Pandemia pode virar o jogo a favor da ciência e da inovação tecnológica

Enquanto batia sucessivos recordes de mortes por covid-19 e via crescerem as filas por uma vaga de UTI, o Brasil recebeu duas notícias positivas na semana passada: o Instituto Butantan, pertencente ao governo de São Paulo, anunciou para este ano uma nova vacina, a Butanvac; e o governo federal prometeu recursos para permitir o andamento das pesquisas da Versamune, uma vacina desenvolvida pela Universidade de São Paulo (USP) em Ribeirão Preto, com grandes chances de início de produção em 2022.

O anúncio da Butanvac gerou uma onda de otimismo entre senadores, que foram às redes sociais comentar o assunto. Para Jarbas Vasconcelos (MDB-PE), por exemplo, a Butanvac “renova a esperança” do povo brasileiro.

“Mais uma prova da enorme importância dos investimentos em ciência e tecnologia para o Brasil!
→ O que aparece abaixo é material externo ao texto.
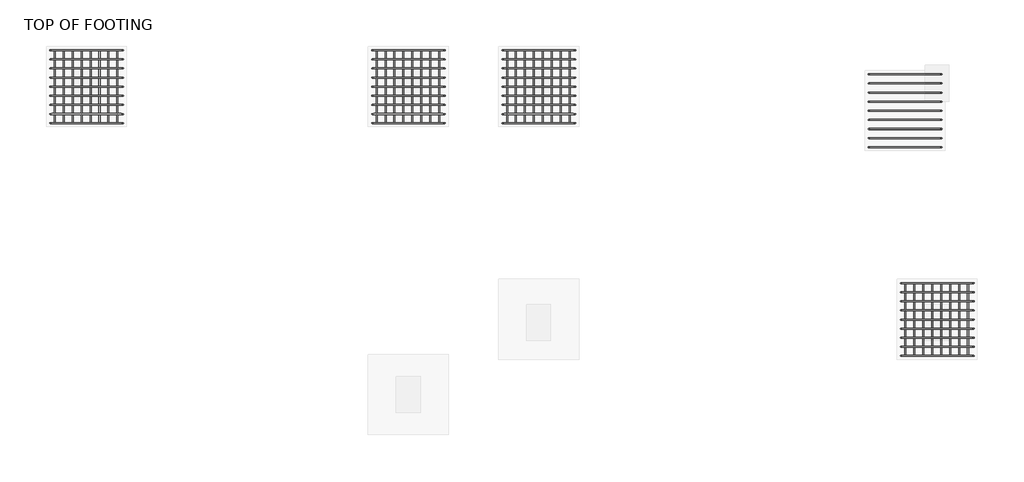
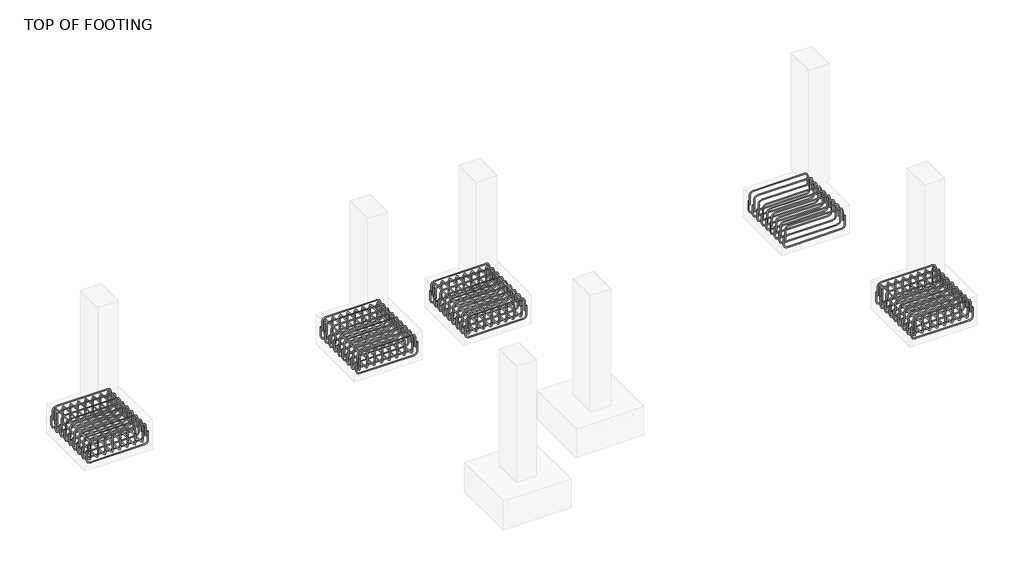
# One storey, part 19 of 20: 18 reinforcing bars.
"""IFC4 building model written with IfcOpenShell, lengths in millimetres."""

from ifc_helpers import new_model, si_unit, point, frame, origin, place, context, project, spatial, polyline, circle_curve, trimmed, segment, composite_curve, source, transform, mapped, element, save
from ifc_brep_helpers import swept_disk

model = new_model("IFC4")

# Units and contexts
model_context = context("Model", 3, world=origin())
ifc_project = project(units=[si_unit("LENGTHUNIT", "METRE", prefix="MILLI")], contexts=[model_context])

# Site, building, storey
site = spatial("IfcSite", under=ifc_project)
building = spatial("IfcBuilding", under=site)
storey = spatial("IfcBuildingStorey", under=building, Name="TOP OF FOOTING", Elevation=-1828.8)

# Reinforcing bars
placement = place(None, origin())
reinforcing_bar_shape = source(origin(), model_context, "Body", "SolidModel", [
    swept_disk(composite_curve([segment(polyline([(2628.3796816, 22141.4849362, -2006.6587682), (2628.3796816, 22141.4849362, -2153.9587682)]), True, "CONTINUOUS"), segment(trimmed(circle_curve(frame((2582.0296816, 22141.4849362, -2153.9587682), z_axis=(0.0, 1.0, 0.0), x_axis=(46.34999999999991, 0.0, 0.0)), 46.35), [point((2628.3796816, 22141.4849362, -2153.9587682))], [point((2582.0296816, 22141.4849362, -2200.3087682))], True, "CARTESIAN"), True, "CONTINUOUS"), segment(polyline([(2582.0296816, 22141.4849362, -2200.3087682), (1767.4296816, 22141.4849362, -2200.3087682)]), True, "CONTINUOUS"), segment(trimmed(circle_curve(frame((1767.4296816, 22141.4849362, -2153.9587682), z_axis=(0.0, 1.0, 0.0), x_axis=(0.0, 0.0, -46.34999999999991)), 46.35), [point((1767.4296816, 22141.4849362, -2200.3087682))], [point((1721.0796816, 22141.4849362, -2153.9587682))], True, "CARTESIAN"), True, "CONTINUOUS"), segment(polyline([(1721.0796816, 22141.4849362, -2153.9587682), (1721.0796816, 22141.4849362, -2006.6587682)]), True, "CONTINUOUS")], self_intersect=False), 6.35),
])
element("IfcReinforcingBar", 1, at=placement, inside=storey, context=model_context, shape_type="MappedRepresentation", body=[
    mapped(reinforcing_bar_shape, transform((0.0, 0.0, 0.0), x_axis=(1.0, 0.0, 0.0), y_axis=(0.0, 1.0, 0.0), z_axis=(0.0, 0.0, 1.0))),
    mapped(reinforcing_bar_shape, transform((0.0, -113.4125, 0.0), x_axis=(1.0, 0.0, 0.0), y_axis=(0.0, 1.0, 0.0), z_axis=(0.0, 0.0, 1.0))),
    mapped(reinforcing_bar_shape, transform((0.0, -226.825, 0.0), x_axis=(1.0, 0.0, 0.0), y_axis=(0.0, 1.0, 0.0), z_axis=(0.0, 0.0, 1.0))),
    mapped(reinforcing_bar_shape, transform((0.0, -340.2375, 0.0), x_axis=(1.0, 0.0, 0.0), y_axis=(0.0, 1.0, 0.0), z_axis=(0.0, 0.0, 1.0))),
    mapped(reinforcing_bar_shape, transform((0.0, -453.65, 0.0), x_axis=(1.0, 0.0, 0.0), y_axis=(0.0, 1.0, 0.0), z_axis=(0.0, 0.0, 1.0))),
    mapped(reinforcing_bar_shape, transform((0.0, -567.0625, 0.0), x_axis=(1.0, 0.0, 0.0), y_axis=(0.0, 1.0, 0.0), z_axis=(0.0, 0.0, 1.0))),
    mapped(reinforcing_bar_shape, transform((0.0, -680.475, 0.0), x_axis=(1.0, 0.0, 0.0), y_axis=(0.0, 1.0, 0.0), z_axis=(0.0, 0.0, 1.0))),
    mapped(reinforcing_bar_shape, transform((0.0, -793.8875, 0.0), x_axis=(1.0, 0.0, 0.0), y_axis=(0.0, 1.0, 0.0), z_axis=(0.0, 0.0, 1.0))),
    mapped(reinforcing_bar_shape, transform((0.0, -907.3, 0.0), x_axis=(1.0, 0.0, 0.0), y_axis=(0.0, 1.0, 0.0), z_axis=(0.0, 0.0, 1.0))),
])
reinforcing_bar_2_shape = source(origin(), model_context, "Body", "SolidModel", [
    swept_disk(composite_curve([segment(polyline([(1740.553793, 22141.4849362, -2068.8), (1740.553793, 22141.4849362, -1921.5)]), True, "CONTINUOUS"), segment(trimmed(circle_curve(frame((1786.903793, 22141.4849362, -1921.5), z_axis=(0.0, 1.0, 0.0), x_axis=(-46.34999999999991, 0.0, 0.0)), 46.35), [point((1740.553793, 22141.4849362, -1921.5))], [point((1786.903793, 22141.4849362, -1875.15))], True, "CARTESIAN"), True, "CONTINUOUS"), segment(polyline([(1786.903793, 22141.4849362, -1875.15), (2556.3671926, 22141.4849362, -1875.15)]), True, "CONTINUOUS"), segment(trimmed(circle_curve(frame((2556.3671926, 22141.4849362, -1921.5), z_axis=(0.0, 1.0, 0.0), x_axis=(0.0, 0.0, 46.34999999999991)), 46.35), [point((2556.3671926, 22141.4849362, -1875.15))], [point((2602.7171926, 22141.4849362, -1921.5))], True, "CARTESIAN"), True, "CONTINUOUS"), segment(polyline([(2602.7171926, 22141.4849362, -1921.5), (2602.7171926, 22141.4849362, -2068.8)]), True, "CONTINUOUS")], self_intersect=False), 6.35),
])
element("IfcReinforcingBar", 2, at=placement, inside=storey, context=model_context, shape_type="MappedRepresentation", body=[
    mapped(reinforcing_bar_2_shape, transform((0.0, 0.0, 0.0), x_axis=(1.0, 0.0, 0.0), y_axis=(0.0, 1.0, 0.0), z_axis=(0.0, 0.0, 1.0))),
    mapped(reinforcing_bar_2_shape, transform((0.0, -113.4125, 0.0), x_axis=(1.0, 0.0, 0.0), y_axis=(0.0, 1.0, 0.0), z_axis=(0.0, 0.0, 1.0))),
    mapped(reinforcing_bar_2_shape, transform((0.0, -226.825, 0.0), x_axis=(1.0, 0.0, 0.0), y_axis=(0.0, 1.0, 0.0), z_axis=(0.0, 0.0, 1.0))),
    mapped(reinforcing_bar_2_shape, transform((0.0, -340.2375, 0.0), x_axis=(1.0, 0.0, 0.0), y_axis=(0.0, 1.0, 0.0), z_axis=(0.0, 0.0, 1.0))),
    mapped(reinforcing_bar_2_shape, transform((0.0, -453.65, 0.0), x_axis=(1.0, 0.0, 0.0), y_axis=(0.0, 1.0, 0.0), z_axis=(0.0, 0.0, 1.0))),
    mapped(reinforcing_bar_2_shape, transform((0.0, -567.0625, 0.0), x_axis=(1.0, 0.0, 0.0), y_axis=(0.0, 1.0, 0.0), z_axis=(0.0, 0.0, 1.0))),
    mapped(reinforcing_bar_2_shape, transform((0.0, -680.475, 0.0), x_axis=(1.0, 0.0, 0.0), y_axis=(0.0, 1.0, 0.0), z_axis=(0.0, 0.0, 1.0))),
    mapped(reinforcing_bar_2_shape, transform((0.0, -793.8875, 0.0), x_axis=(1.0, 0.0, 0.0), y_axis=(0.0, 1.0, 0.0), z_axis=(0.0, 0.0, 1.0))),
    mapped(reinforcing_bar_2_shape, transform((0.0, -907.3, 0.0), x_axis=(1.0, 0.0, 0.0), y_axis=(0.0, 1.0, 0.0), z_axis=(0.0, 0.0, 1.0))),
])
reinforcing_bar_3_shape = source(origin(), model_context, "Body", "SolidModel", [
    swept_disk(composite_curve([segment(polyline([(2556.8827202, 22141.4849362, -2086.1951968), (2556.8827202, 22141.4849362, -1938.8951968)]), True, "CONTINUOUS"), segment(trimmed(circle_curve(frame((2556.8827202, 22095.1349362, -1938.8951968), z_axis=(1.0, 0.0, 0.0), x_axis=(0.0, 46.349999999998545, 0.0)), 46.35), [point((2556.8827202, 22141.4849362, -1938.8951968))], [point((2556.8827202, 22095.1349362, -1892.5451968))], True, "CARTESIAN"), True, "CONTINUOUS"), segment(polyline([(2556.8827202, 22095.1349362, -1892.5451968), (2556.8827202, 21280.5349362, -1892.5451968)]), True, "CONTINUOUS"), segment(trimmed(circle_curve(frame((2556.8827202, 21280.5349362, -1938.8951968), z_axis=(1.0, 0.0, 0.0), x_axis=(0.0, 0.0, 46.34999999999991)), 46.35), [point((2556.8827202, 21280.5349362, -1892.5451968))], [point((2556.8827202, 21234.1849362, -1938.8951968))], True, "CARTESIAN"), True, "CONTINUOUS"), segment(polyline([(2556.8827202, 21234.1849362, -1938.8951968), (2556.8827202, 21234.1849362, -2086.1951968)]), True, "CONTINUOUS")], self_intersect=False), 6.35),
])
element("IfcReinforcingBar", 3, at=placement, inside=storey, context=model_context, shape_type="MappedRepresentation", body=[
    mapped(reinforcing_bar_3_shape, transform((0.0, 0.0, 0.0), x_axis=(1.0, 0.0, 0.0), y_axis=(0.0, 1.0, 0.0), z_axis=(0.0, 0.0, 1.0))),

Vacina só se desenvolve com pesquisa, e pesquisa precisa de recursos. Nossa prioridade é a vacina”, escreveu o senador Izalci Lucas (PSDB-DF), autor de projeto de lei complementar (PLP 135/2020) que liberou verbas para o principal fundo de apoio à ciência e à tecnologia (veja mais abaixo).

Àquela altura, a expressão “vacina 100% brasileira” rotulava o imunizante em desenvolvimento no Butantan, mas logo seria melhor calibrada, uma vez que o processo de criação do antígeno decorre de um estudo realizado por pesquisadores da Escola de Medicina Icahn, ligada ao Hospital Mount Sinai, de Nova York. O Butantan faz parte de um consórcio para o desenvolvimento final da vacina por meio de licenciamento sem pagamento de royalties, no qual se incluem também instituições da Tailândia e do Vietnã. Os participantes atuam sob o compromisso de fabricação de uma vacina que possa ser entregue a países pobres.

O princípio do antígeno resulta de uma série de procedimentos que associam parte da proteína S (de spark) do novo coronavírus ao vírus da doença de Newcastle (NVD), uma modalidade de gripe aviária, para posterior reprodução em ovos de galinha, técnica amplamente dominada pelo Butantan na produção de vacinas contra a gripe. Os vírus recebem intervenções que os inativam, de modo a evitar a infecção por covid-19 e estimular as defesas dos indivíduos diante da presença de Sars-Cov-2 absorvidos nas interações sociais.